Maximizing Tax Revenue for Profit-Maximizing Monopolist with the CES Production Function and Linear Demand as a Stackelberg Game Problem

The optimization of taxation and profit maximization constitute two fundamental and interconnected problems, inherently entwined as firms navigate within a given tax framework. Nonetheless, existing literature commonly treats these problems separately, focusing either on optimal taxation or on profit maximization independently. This paper endeavors to unify these problems by formulating a bilevel model wherein the government assumes the role of a leader, and the profit-maximizing monopolist acts as a follower. The model assumes technology given by a constant elasticity of substitution (CES) production function, with market prices following a linear demand curve. Since the solution for a general case with an arbitrary degree of homogeneity cannot be determined explicitly, analytical expressions for the tax revenue function, profit function, optimal tax rates, and optimal input levels are derived for scenarios with degrees of homogeneity set to values 0.5 for decreasing and 1 for constant returns to scale.

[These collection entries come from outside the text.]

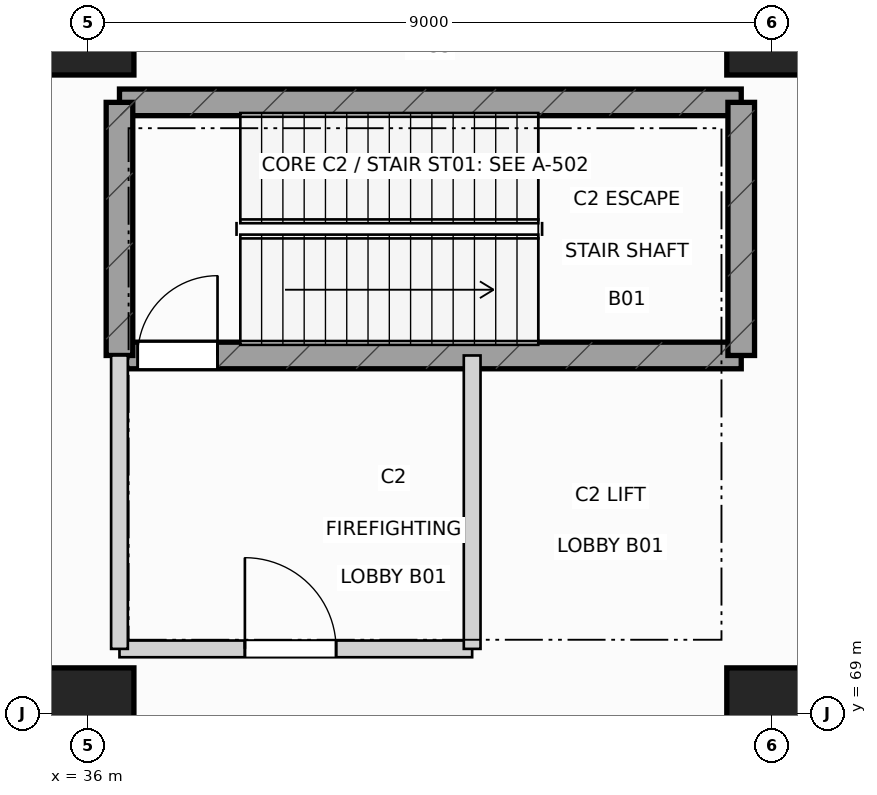
"""IFC4 building model, lengths in metres.
Left out: names, types, materials, properties, quantities, classifications, styles, units other than length and angle.
Written with IfcOpenShell. Run it as: python <this file> out.ifc"""

import sys

from ifc_helpers import new_model, si_unit, direction, frame, frame_2d, origin, origin_2d, place, context, subcontext, project, spatial, rectangle, extrude, element, fill, save


model = new_model("IFC4")
c1 = context("Model", 3, precision=1e-05, world=origin(), true_north=direction((0.0, 1.0)))
c2 = subcontext(c1, "Body", "Model", "MODEL_VIEW")
j1 = project(units=[si_unit("LENGTHUNIT", "METRE"), si_unit("PLANEANGLEUNIT", "RADIAN")], contexts=[c1])
p1 = place(None, origin())
s1 = spatial("IfcSite", under=j1, at=p1, CompositionType="ELEMENT")
p2 = place(p1, origin())
s2 = spatial("IfcBuilding", under=s1, at=p2, CompositionType="ELEMENT")
p3 = place(p2, frame((0.0, 0.0, -5.4)))
s3 = spatial("IfcBuildingStorey", under=s2, at=p3, CompositionType="ELEMENT", Elevation=-5.4)
for number, where, z_axis, x_axis in (
    (1, (36.0, 69.0, 0.0), (0.0, 0.0, 1.0), (1.0, 0.0, 0.0)),
    (2, (36.0, 78.0, 0.0), (0.0, 0.0, 1.0), (1.0, 0.0, 0.0)),
    (3, (45.0, 69.0, 0.0), (0.0, 0.0, 1.0), (1.0, 0.0, 0.0)),
    (4, (45.0, 78.0, 0.0), (0.0, 0.0, 1.0), (1.0, 0.0, 0.0)),
):
    element("IfcColumn", number, at=place(p3, frame(where, z_axis=z_axis, x_axis=x_axis)), inside=s3, PredefinedType="COLUMN", context=c2, shape_type="SweptSolid", body=[
        extrude(rectangle(XDim=1.2, YDim=1.2, at=origin_2d()), origin(), (0.0, 0.0, 1.0), 5.4),
    ])
p4 = place(p3, frame((36.41, 73.71, 0.0), z_axis=(0.0, 0.0, 1.0), x_axis=(1.0, 0.0, 0.0)))
e5 = element("IfcWall", 5, at=p4, inside=s3, PredefinedType="SHEAR", context=c2, shape_type="SweptSolid", body=[
    extrude(rectangle(XDim=8.18, YDim=0.35, at=frame_2d((4.09, 0.0))), origin(), (0.0, 0.0, 1.0), 5.08),
])
p5 = place(p4, frame((0.24, 0.0, 0.0)))
e6 = element("IfcOpeningElement", 6, at=p5, cuts=e5, PredefinedType="OPENING", context=c2, shape_type="SweptSolid", body=[
    extrude(rectangle(XDim=1.05, YDim=2.18, at=frame_2d((0.525, 1.09))), frame((0.0, 0.185, 0.0), z_axis=(0.0, -1.0, 0.0), x_axis=(1.0, 0.0, 0.0)), (0.0, 0.0, 1.0), 0.37),
])
p6 = place(p3, frame((36.41, 77.04, 0.0), z_axis=(0.0, 0.0, 1.0), x_axis=(1.0, 0.0, 0.0)))
e7 = element("IfcWall", 7, at=p6, inside=s3, PredefinedType="SHEAR", context=c2, shape_type="SweptSolid", body=[
    extrude(rectangle(XDim=8.18, YDim=0.35, at=frame_2d((4.09, 0.0))), origin(), (0.0, 0.0, 1.0), 5.08),
])
for number, where, z_axis, x_axis in (
    (8, (36.41, 73.71, 0.0), (0.0, 0.0, 1.0), (0.0, 1.0, 0.0)),
    (9, (44.59, 73.71, 0.0), (0.0, 0.0, 1.0), (0.0, 1.0, 0.0)),
):
    element("IfcWall", number, at=place(p3, frame(where, z_axis=z_axis, x_axis=x_axis)), inside=s3, PredefinedType="SHEAR", context=c2, shape_type="SweptSolid", body=[
        extrude(rectangle(XDim=3.33, YDim=0.35, at=frame_2d((1.665, 0.0))), origin(), (0.0, 0.0, 1.0), 5.08),
    ])
p7 = place(p3, frame((36.41, 69.85, 0.0), z_axis=(0.0, 0.0, 1.0), x_axis=(1.0, 0.0, 0.0)))
e10 = element("IfcWall", 10, at=p7, inside=s3, PredefinedType="PARTITIONING", context=c2, shape_type="SweptSolid", body=[
    extrude(rectangle(XDim=4.64, YDim=0.22, at=frame_2d((2.32, 0.0))), origin(), (0.0, 0.0, 1.0), 4.715),
])
p8 = place(p7, frame((1.65, 0.0, 0.0)))
e11 = element("IfcOpeningElement", 11, at=p8, cuts=e10, PredefinedType="OPENING", context=c2, shape_type="SweptSolid", body=[
    extrude(rectangle(XDim=1.2, YDim=2.18, at=frame_2d((0.6, 1.09))), frame((0.0, 0.12, 0.0), z_axis=(0.0, -1.0, 0.0), x_axis=(1.0, 0.0, 0.0)), (0.0, 0.0, 1.0), 0.24),
])
p9 = place(p3, frame((36.41, 69.85, 0.0), z_axis=(0.0, 0.0, 1.0), x_axis=(0.0, 1.0, 0.0)))
e12 = element("IfcWall", 12, at=p9, inside=s3, PredefinedType="PARTITIONING", context=c2, shape_type="SweptSolid", body=[
    extrude(rectangle(XDim=3.86, YDim=0.22, at=frame_2d((1.93, 0.0))), origin(), (0.0, 0.0, 1.0), 4.715),
])
p10 = place(p3, frame((41.05, 69.85, 0.0), z_axis=(0.0, 0.0, 1.0), x_axis=(0.0, 1.0, 0.0)))
e13 = element("IfcWall", 13, at=p10, inside=s3, PredefinedType="PARTITIONING", context=c2, shape_type="SweptSolid", body=[
    extrude(rectangle(XDim=3.86, YDim=0.22, at=frame_2d((1.93, 0.0))), origin(), (0.0, 0.0, 1.0), 4.745),
])
p11 = place(p5, origin())
e14 = element("IfcDoor", 14, at=p11, inside=s3, OperationType="SINGLE_SWING_RIGHT", PredefinedType="DOOR", context=c2, shape_type="SweptSolid", body=[
    extrude(rectangle(XDim=1.05, YDim=2.18, at=frame_2d((0.525, 1.09))), frame((0.0, 0.025, 0.0), z_axis=(0.0, -1.0, 0.0), x_axis=(1.0, 0.0, 0.0)), (0.0, 0.0, 1.0), 0.05),
])
fill(e6, e14)
p12 = place(p8, origin())
e15 = element("IfcDoor", 15, at=p12, inside=s3, OperationType="SINGLE_SWING_LEFT", PredefinedType="DOOR", context=c2, shape_type="SweptSolid", body=[
    extrude(rectangle(XDim=1.2, YDim=2.18, at=frame_2d((0.6, 1.09))), frame((0.0, 0.025, 0.0), z_axis=(0.0, -1.0, 0.0), x_axis=(1.0, 0.0, 0.0)), (0.0, 0.0, 1.0), 0.05),
])
fill(e11, e15)
save(model, sys.argv[1])

Several illustrative numerical examples are presented alongside corresponding graphical representations. The last example, with a degree of homogeneity set to value 2, shows that the optimal solution is achievable under monopolist assumption even with increasing returns to scale, a scenario impossible under perfect competition. The paper ends with discussions on sensitivity analysis of the change in the optimal solution with regard to the change in the producer's price.